Develop Your Own Dancing

Too often when we first learn partner dancing, we are focused on dancing with a partner, and what it takes to accomplish that specific task.  However, if we develop our individual skills as a dancer, we will always be more accomplished partners.  For leaders, you need to have something to communicate, and the more clearly you are aware of what you want to convey and how you want to move, the easier it is to relay this to a partner.  For follows, an example of why you want to develop your own skills is, if you want to be a good turner, learn to turn.  A leader has no magic that can make you accomplished at turning.  They can be there to help you with your balance, or give you a connection to work off of to get more speed and effect, but they cannot make you a good turner.   You either have the skill to swivel your feet or you don’t.

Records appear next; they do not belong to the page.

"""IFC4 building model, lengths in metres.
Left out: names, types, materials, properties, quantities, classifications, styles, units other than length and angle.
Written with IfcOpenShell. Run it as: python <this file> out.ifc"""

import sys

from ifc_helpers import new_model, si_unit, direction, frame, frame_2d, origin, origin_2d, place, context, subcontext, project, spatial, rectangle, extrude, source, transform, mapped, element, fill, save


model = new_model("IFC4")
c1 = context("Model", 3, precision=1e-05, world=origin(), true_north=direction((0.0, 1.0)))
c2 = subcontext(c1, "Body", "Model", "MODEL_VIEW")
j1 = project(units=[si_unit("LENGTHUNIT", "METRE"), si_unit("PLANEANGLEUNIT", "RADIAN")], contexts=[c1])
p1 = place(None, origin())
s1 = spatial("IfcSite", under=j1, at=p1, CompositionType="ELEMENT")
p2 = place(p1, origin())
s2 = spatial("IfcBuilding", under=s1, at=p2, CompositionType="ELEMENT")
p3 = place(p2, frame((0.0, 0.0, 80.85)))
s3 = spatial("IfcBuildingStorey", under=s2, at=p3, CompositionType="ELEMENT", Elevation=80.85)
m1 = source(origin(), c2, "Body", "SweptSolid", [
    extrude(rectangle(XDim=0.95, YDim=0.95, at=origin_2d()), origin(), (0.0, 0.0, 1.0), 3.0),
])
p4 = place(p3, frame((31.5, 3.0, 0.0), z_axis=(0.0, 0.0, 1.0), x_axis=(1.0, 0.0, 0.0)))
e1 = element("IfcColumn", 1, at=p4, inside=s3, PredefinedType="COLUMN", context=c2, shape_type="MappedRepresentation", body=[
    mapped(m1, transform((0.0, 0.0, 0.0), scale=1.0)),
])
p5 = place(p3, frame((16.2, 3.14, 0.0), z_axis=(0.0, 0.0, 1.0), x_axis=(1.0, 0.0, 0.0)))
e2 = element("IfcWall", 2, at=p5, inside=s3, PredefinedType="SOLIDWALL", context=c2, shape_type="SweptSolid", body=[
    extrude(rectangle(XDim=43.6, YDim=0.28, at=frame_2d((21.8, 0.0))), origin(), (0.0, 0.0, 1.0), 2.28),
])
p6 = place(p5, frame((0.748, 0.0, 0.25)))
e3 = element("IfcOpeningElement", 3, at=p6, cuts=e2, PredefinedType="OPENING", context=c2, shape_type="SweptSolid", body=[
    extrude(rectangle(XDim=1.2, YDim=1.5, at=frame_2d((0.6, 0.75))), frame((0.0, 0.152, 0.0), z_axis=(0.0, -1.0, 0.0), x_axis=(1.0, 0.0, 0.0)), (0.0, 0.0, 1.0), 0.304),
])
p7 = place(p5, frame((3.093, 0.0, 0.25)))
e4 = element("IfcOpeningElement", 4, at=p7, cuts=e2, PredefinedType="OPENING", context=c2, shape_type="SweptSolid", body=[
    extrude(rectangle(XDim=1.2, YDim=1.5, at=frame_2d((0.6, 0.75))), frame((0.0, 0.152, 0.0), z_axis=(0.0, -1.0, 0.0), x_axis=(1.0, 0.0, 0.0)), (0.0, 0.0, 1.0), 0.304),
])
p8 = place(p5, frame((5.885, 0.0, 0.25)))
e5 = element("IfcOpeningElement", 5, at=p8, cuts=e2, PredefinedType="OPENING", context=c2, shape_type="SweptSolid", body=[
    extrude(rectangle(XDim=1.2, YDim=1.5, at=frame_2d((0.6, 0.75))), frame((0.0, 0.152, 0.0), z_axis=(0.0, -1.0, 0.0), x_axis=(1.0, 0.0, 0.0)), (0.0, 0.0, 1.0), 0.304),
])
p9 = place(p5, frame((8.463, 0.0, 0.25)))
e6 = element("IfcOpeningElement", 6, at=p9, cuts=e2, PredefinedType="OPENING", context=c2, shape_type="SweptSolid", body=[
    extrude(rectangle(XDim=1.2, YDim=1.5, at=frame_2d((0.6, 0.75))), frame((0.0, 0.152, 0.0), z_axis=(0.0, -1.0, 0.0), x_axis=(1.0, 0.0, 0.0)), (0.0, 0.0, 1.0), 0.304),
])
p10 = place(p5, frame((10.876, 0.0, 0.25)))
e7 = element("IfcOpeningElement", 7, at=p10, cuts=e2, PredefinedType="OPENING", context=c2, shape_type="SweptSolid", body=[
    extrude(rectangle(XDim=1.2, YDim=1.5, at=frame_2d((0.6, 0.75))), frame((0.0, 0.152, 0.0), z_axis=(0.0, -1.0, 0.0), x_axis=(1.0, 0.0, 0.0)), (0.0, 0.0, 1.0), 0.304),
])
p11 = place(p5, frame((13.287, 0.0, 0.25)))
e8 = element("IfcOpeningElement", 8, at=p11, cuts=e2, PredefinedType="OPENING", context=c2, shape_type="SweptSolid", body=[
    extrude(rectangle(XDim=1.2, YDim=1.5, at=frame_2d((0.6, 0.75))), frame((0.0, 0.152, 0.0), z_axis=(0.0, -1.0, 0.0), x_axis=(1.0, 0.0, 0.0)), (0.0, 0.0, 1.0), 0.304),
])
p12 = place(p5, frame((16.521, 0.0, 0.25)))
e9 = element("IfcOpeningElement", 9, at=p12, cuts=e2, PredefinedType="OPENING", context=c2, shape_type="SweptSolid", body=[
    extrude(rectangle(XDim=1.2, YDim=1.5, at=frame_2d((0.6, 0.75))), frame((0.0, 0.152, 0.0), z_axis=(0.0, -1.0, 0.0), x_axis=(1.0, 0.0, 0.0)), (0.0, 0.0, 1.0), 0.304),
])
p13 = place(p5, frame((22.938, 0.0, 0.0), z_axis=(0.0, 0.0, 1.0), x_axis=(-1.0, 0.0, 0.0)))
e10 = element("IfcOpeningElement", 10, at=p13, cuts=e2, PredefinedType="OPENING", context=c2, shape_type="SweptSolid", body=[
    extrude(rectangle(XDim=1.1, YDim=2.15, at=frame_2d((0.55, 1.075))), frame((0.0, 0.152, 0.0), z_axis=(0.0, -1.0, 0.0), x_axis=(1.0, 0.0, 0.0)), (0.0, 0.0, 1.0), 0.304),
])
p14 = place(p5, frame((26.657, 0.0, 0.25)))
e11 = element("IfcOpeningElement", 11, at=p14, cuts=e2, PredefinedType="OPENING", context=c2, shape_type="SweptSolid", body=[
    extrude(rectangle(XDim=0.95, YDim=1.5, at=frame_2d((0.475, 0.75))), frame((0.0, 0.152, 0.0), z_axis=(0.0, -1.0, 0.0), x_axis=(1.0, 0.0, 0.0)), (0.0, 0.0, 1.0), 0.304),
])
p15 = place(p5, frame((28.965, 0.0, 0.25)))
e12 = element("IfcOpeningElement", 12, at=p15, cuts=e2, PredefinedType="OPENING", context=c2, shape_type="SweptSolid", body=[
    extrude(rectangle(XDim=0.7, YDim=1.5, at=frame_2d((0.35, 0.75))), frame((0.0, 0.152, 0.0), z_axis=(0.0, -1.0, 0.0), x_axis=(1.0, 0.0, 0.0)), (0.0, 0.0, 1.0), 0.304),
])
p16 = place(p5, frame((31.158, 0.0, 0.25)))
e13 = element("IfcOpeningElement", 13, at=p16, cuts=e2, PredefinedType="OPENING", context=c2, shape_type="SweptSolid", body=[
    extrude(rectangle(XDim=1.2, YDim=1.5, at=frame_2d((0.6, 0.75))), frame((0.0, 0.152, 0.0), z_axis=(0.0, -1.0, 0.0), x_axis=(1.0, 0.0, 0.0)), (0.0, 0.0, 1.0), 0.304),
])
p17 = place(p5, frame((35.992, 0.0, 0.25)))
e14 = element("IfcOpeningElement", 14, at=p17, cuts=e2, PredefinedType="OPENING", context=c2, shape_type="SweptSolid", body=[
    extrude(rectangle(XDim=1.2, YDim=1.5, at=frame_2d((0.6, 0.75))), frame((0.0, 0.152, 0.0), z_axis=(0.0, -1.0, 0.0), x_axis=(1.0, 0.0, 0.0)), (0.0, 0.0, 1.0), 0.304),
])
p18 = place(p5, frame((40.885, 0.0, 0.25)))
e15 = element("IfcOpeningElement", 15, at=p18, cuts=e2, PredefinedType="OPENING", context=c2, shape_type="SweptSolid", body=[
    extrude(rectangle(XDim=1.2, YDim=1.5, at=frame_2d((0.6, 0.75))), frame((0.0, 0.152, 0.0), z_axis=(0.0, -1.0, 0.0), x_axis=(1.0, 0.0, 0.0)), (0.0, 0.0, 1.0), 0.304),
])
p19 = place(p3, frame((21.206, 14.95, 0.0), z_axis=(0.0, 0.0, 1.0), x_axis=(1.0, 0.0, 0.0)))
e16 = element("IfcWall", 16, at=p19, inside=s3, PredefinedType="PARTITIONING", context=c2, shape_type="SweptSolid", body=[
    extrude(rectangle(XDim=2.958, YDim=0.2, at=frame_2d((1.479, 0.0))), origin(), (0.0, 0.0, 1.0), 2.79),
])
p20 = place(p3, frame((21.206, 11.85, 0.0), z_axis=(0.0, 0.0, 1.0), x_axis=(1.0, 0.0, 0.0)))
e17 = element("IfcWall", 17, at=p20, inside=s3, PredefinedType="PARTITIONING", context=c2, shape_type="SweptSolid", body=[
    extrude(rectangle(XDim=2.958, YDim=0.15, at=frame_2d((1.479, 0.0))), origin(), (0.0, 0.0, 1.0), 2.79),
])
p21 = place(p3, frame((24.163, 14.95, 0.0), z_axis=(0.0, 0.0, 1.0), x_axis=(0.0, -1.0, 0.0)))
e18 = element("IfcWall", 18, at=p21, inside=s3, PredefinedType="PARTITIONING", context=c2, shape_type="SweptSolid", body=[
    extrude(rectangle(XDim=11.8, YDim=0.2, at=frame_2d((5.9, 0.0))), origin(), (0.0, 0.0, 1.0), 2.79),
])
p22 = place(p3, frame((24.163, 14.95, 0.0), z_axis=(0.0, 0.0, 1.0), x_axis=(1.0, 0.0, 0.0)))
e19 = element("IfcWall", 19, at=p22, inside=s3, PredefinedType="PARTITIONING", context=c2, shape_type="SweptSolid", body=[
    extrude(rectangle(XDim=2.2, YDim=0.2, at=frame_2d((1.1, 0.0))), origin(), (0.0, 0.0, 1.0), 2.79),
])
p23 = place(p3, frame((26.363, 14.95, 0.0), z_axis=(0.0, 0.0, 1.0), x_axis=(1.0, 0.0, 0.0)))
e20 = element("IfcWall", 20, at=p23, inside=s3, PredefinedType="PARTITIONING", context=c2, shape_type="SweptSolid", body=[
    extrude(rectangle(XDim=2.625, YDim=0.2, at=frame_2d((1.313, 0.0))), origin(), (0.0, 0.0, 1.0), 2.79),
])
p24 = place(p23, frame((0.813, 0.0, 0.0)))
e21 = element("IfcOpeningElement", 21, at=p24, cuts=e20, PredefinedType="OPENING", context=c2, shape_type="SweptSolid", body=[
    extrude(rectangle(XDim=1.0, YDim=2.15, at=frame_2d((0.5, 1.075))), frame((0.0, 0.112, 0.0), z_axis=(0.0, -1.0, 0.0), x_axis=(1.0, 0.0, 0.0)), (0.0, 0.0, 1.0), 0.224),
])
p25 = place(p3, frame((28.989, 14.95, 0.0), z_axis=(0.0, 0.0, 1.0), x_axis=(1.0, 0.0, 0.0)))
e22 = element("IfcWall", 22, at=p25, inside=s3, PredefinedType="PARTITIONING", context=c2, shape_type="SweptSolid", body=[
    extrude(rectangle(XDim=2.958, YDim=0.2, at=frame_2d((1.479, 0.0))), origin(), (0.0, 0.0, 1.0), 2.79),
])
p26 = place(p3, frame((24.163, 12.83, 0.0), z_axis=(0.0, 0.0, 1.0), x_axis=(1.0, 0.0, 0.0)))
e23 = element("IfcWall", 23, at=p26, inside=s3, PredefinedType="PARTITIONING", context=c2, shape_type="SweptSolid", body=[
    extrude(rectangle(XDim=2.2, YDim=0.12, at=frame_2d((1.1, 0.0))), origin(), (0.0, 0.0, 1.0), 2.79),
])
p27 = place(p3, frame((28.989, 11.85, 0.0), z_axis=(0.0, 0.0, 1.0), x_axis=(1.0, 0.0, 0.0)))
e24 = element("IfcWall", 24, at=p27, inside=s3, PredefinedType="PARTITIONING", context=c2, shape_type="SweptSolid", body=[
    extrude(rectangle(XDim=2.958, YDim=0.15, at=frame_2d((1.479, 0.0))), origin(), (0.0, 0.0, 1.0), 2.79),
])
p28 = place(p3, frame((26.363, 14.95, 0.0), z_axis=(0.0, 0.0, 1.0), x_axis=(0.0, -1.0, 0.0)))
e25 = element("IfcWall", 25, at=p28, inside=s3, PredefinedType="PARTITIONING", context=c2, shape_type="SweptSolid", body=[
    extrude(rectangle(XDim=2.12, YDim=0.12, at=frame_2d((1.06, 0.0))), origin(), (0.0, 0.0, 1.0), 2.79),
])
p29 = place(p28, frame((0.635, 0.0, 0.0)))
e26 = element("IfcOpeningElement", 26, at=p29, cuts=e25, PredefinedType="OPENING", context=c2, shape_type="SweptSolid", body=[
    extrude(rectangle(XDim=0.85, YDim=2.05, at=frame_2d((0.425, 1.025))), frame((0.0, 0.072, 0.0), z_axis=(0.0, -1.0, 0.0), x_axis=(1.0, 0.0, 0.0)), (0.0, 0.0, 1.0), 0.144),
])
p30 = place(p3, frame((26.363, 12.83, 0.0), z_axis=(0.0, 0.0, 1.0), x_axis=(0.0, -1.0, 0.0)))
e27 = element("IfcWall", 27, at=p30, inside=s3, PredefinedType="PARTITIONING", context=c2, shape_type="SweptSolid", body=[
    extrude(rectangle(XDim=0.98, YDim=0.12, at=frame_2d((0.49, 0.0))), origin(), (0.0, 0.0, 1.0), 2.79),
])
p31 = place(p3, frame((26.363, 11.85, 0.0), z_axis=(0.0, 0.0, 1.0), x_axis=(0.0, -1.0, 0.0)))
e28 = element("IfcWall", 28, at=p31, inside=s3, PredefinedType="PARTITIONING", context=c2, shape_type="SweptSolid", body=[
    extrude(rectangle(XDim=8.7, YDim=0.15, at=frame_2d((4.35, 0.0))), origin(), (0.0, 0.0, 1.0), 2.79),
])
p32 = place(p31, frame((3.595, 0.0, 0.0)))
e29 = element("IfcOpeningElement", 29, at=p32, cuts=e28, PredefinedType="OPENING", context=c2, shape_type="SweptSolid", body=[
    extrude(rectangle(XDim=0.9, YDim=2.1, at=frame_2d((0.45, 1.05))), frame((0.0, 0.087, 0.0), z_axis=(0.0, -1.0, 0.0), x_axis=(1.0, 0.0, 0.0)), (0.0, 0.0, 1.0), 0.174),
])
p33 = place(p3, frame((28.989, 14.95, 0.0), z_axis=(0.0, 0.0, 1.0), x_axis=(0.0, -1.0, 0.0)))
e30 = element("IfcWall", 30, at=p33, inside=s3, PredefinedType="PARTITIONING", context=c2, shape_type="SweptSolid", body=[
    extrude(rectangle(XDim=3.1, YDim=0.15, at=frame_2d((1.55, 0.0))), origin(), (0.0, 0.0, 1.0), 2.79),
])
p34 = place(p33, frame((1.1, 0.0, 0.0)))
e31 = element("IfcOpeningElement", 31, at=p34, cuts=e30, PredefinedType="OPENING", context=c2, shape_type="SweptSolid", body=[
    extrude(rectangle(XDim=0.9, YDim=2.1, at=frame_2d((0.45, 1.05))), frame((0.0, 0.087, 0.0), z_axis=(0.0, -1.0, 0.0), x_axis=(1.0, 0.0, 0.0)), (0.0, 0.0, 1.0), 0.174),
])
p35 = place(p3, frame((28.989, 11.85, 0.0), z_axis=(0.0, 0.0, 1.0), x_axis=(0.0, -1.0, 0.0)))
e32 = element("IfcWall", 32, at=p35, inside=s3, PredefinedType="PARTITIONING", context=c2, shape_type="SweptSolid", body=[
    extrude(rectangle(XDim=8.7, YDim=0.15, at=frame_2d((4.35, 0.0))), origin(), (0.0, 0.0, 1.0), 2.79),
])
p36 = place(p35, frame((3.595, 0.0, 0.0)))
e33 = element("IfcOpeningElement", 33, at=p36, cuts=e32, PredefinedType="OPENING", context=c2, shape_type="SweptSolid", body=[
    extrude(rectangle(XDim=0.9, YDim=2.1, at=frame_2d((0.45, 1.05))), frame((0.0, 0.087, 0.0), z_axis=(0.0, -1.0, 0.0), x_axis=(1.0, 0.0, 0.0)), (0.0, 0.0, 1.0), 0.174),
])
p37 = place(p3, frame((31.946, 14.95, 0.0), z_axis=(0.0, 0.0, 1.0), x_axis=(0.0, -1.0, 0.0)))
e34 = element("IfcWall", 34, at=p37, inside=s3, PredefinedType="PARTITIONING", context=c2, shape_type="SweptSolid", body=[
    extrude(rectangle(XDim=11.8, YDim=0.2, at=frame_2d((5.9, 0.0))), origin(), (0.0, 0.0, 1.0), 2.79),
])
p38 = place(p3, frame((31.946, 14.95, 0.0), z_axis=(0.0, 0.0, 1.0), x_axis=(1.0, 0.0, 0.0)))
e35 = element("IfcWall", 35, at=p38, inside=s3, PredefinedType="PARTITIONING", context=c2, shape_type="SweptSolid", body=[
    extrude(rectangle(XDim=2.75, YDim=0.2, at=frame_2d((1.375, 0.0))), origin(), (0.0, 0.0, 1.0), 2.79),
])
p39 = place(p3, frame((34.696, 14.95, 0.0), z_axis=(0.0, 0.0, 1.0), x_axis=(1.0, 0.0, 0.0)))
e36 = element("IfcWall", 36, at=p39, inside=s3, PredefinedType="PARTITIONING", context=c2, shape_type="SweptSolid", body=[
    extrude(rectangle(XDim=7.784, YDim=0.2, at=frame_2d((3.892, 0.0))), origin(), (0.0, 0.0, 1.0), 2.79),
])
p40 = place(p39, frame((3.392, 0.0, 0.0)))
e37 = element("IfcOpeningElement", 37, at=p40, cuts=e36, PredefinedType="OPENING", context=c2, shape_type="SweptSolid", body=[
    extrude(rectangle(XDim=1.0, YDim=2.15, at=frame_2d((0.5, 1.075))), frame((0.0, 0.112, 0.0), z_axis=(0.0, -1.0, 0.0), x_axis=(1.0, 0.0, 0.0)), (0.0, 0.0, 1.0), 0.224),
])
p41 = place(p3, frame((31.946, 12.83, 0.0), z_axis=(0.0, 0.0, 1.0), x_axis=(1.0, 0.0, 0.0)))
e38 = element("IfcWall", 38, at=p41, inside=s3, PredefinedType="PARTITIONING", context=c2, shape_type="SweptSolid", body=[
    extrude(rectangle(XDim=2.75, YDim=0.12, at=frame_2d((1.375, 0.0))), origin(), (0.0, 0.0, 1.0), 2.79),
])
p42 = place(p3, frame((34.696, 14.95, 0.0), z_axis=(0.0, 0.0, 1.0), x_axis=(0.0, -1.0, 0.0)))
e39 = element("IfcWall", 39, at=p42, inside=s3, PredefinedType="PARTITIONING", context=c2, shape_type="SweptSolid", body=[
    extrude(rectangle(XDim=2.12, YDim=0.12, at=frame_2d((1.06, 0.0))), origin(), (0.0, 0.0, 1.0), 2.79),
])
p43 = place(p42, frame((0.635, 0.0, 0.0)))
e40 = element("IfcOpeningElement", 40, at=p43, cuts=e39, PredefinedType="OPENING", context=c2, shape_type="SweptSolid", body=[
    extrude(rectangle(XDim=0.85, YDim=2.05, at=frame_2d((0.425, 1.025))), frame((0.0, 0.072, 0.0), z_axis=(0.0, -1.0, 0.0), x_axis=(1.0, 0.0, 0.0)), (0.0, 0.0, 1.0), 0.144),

You want to know how to move and how to move on time with the music.  When you learn to dance, there is a series of skills and coordinations you want to develop.

  1. First, you want to develop your own physical coordination.  This is learning the moves or the steps.
  2. Second, you want to develop your internal sense of the relative speed of the movements or the steps.  You would want to coordinate the physical movements with a timing/rhythm or speed.
  3. Next, you want to match your internal timing to the actual timing of the music you dance to.  There are several different tempos or speeds for any type of music.  Some people develop a very good sense of the rhythm of the dance but they don’t coordinate it with the music that is playing.
  4. You will now be ready to coordinate your movement with a partner who also has developed their own physical and musical skills.  This can be different than actual lead and follow and is more about being connected or coordinated with a partner.
  5. Finally, we get to the skills of lead and follow.  You want to develop the physical coordination of the lead/follow and then achieve a level of “conversational” ability, where the skills we have already developed begin to feel ‘natural,’ and you are able to use them easily and mainly from a place of ‘feeling’ instead of ‘thinking.’

Only after developing our own dance skills can we then develop into being good partners.